It looks like you're expecting about 200 basis points of margin improvement in the first half, but -- prior to the second half. So I was just wondering if you could expand on that and what's driving the first half versus second half expectations? And then my follow-up question is around your view on celebrity influencer-led brands. It's obviously a space that you have great color into, but it is becoming more and more crowded. So I'd love to hear your views in terms of relative success of your brands versus others? And how these brands differ in terms of growth expectations and support levels relative to the rest of your portfolio? Thank you so much.

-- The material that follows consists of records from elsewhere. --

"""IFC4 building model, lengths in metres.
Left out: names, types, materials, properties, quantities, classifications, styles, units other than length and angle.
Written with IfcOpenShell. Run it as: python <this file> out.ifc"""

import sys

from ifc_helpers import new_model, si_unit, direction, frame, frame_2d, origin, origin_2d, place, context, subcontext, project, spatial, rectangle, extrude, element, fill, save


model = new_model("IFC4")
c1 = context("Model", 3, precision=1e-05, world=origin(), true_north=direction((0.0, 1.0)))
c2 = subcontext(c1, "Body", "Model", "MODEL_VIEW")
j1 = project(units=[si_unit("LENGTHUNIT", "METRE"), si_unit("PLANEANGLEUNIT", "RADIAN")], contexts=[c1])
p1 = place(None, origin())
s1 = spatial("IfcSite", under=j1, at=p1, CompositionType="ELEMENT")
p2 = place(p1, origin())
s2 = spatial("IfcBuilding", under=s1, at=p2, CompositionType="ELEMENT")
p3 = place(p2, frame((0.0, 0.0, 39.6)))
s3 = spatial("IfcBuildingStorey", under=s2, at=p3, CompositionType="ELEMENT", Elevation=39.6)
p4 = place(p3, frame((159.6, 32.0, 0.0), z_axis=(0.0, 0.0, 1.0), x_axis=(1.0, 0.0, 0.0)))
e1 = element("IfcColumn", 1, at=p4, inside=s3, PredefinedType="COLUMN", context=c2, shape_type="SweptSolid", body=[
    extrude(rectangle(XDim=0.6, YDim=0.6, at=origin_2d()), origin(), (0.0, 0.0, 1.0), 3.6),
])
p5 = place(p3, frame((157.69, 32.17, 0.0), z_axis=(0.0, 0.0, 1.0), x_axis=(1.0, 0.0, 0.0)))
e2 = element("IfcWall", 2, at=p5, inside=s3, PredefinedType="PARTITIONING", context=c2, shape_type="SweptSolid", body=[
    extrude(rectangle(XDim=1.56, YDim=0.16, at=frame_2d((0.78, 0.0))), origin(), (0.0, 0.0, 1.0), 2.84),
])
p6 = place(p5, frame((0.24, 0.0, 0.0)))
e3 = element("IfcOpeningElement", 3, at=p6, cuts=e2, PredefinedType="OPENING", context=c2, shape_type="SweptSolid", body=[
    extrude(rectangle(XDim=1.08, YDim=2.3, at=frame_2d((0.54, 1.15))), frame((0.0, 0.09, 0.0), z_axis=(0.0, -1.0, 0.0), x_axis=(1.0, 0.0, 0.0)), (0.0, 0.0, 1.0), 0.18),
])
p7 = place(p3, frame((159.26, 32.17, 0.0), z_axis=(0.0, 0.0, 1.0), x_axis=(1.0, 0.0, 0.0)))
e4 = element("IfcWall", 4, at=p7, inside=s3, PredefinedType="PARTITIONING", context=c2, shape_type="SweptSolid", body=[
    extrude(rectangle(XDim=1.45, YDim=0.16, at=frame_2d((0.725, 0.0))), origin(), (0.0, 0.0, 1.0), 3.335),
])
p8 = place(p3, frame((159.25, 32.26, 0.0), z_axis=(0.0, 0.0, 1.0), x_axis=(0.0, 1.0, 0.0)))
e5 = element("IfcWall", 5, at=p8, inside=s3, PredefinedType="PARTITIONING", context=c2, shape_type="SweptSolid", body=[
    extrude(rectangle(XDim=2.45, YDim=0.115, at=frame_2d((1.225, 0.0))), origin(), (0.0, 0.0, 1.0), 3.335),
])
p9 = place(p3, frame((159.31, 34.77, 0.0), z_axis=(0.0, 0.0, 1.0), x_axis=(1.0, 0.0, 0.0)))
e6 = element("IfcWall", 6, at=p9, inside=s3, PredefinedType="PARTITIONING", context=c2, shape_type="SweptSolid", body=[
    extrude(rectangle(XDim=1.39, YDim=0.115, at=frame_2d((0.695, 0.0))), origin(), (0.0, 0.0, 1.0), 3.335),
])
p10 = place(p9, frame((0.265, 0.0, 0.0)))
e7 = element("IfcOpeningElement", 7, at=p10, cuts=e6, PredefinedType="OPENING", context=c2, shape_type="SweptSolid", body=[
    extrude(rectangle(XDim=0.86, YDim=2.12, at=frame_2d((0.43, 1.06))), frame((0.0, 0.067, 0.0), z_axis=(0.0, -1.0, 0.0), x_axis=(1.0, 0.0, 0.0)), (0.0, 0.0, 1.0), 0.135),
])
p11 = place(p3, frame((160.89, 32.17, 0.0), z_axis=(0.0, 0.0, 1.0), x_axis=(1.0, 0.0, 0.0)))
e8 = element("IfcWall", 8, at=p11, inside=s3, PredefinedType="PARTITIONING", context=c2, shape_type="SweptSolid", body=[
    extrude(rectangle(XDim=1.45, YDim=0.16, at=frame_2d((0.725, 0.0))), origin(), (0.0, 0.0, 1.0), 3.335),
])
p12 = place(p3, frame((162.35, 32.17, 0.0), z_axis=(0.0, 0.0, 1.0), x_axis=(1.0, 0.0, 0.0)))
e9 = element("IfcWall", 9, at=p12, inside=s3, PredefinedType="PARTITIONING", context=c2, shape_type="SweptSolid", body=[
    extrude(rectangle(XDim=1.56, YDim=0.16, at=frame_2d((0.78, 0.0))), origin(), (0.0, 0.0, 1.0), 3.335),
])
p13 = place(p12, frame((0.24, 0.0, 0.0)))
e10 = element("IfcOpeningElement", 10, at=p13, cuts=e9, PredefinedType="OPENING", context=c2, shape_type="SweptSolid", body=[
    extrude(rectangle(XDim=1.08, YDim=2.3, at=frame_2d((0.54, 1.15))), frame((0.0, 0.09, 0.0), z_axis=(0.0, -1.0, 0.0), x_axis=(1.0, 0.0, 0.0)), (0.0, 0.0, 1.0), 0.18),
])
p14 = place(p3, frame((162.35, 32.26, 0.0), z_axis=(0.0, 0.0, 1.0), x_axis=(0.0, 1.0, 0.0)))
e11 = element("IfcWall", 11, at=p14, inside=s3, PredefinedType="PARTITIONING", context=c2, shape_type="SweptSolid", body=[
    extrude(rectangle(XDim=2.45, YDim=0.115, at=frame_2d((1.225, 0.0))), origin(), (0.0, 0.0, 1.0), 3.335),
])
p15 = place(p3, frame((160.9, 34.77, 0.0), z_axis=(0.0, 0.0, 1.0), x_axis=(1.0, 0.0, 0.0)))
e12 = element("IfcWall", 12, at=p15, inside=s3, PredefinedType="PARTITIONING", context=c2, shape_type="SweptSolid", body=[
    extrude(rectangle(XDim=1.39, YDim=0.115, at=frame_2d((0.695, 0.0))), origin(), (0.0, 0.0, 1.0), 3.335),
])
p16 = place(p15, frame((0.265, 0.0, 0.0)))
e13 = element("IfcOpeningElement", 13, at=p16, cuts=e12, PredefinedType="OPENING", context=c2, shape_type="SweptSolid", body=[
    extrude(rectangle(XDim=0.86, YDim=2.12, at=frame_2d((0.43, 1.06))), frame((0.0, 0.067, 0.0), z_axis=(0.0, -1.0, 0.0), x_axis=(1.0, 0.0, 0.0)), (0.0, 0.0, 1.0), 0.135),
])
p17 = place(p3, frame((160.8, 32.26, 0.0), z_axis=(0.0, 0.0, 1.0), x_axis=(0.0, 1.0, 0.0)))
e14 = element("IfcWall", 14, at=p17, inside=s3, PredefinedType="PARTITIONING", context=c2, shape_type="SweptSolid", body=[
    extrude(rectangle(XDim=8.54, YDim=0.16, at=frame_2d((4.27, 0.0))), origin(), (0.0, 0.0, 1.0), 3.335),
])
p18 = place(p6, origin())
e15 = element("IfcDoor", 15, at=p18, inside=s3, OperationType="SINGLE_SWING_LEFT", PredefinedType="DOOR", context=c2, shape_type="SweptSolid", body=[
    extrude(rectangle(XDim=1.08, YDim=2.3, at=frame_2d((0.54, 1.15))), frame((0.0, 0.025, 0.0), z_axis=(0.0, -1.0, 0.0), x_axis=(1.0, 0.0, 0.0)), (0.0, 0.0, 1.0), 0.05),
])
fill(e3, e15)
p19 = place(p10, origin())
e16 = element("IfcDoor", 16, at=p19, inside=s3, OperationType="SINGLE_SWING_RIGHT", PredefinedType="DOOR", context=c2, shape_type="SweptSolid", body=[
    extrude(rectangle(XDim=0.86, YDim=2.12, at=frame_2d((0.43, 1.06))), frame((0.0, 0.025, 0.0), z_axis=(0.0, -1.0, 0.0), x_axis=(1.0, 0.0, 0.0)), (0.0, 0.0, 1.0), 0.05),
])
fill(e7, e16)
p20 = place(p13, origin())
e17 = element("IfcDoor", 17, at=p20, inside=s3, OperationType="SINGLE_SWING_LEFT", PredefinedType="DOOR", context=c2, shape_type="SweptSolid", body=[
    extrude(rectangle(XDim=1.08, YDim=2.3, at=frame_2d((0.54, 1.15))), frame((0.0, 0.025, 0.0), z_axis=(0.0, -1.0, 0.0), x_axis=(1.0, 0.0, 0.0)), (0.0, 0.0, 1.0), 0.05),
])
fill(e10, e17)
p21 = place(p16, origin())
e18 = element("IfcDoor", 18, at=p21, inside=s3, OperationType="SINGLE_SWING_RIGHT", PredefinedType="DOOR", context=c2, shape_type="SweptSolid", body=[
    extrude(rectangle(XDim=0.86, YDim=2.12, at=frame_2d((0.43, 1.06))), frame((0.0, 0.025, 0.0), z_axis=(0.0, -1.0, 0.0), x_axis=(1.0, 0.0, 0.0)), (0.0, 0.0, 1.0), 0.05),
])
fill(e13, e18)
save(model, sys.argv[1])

Laurent Mercier -- Chief Financial Officer

Thank you. So I will take indeed the first part on EBITDA expectation. And first of all, I really want to remind that on some of the metrics on top line and EBITDA, indeed, I mean, our fiscal year '23 guidance is completely in line with the midterm guidance that we gave you, remember in November. So this is really confirming the robustness of the model and really the strong achievement of fiscal '22 we continue in fiscal '23 in a very consistent manner.

So definitely, the marginal guide implies this, but I would say it's still a little too early to go more in that between H1 and H2. So it is really definitely we continue the gross margin expansion, disciplining fixed costs, investing, and delivering this full year guidance. Now navigating H1 and H2, it may be something that we adapt during the year depending on the evolution of all the metrics. So still too early to debate on this.

Sue Nabi -- Chief Executive Officer

Yes. And then secondly -- this is Sue, I'm going to take the second part of the question, which is around celebrity and influencer-led brands. So if I remember well, the question was around, is it more competitive? The answer is clearly yes. This is a very, very competitive part of the business.

I think all of us, we see a lot of brands launched on a daily basis, almost daily, so it's very, very competitive. I do believe that there is a place where there is a kind of moment of truth, which is brick-and-mortar. There is a selection that's happening because the ability to have a go-to-market that's strong as a Coty go-to-market, to be present in hundreds if not thousands of stores globally, this is clearly an element that selects a lot of DTC brands as potentially becoming bigger brands. And by the commission makes the competition less important.

In terms of right level of investment, as you can imagine, these brands are born on social media. They have natural A&CP, if I may call it like this because of the reach of the different people who are reaching to the communities on a daily basis. And therefore, there is less need to overinvest in media, like we do it on classical brands. So it's really this kind of, I would say, compromise that we need to find depending on the brand and depending on the kind of innovation.

Operator

Thank you. Our next question will come from Chris Carey with Wells Fargo Securities. Please go ahead.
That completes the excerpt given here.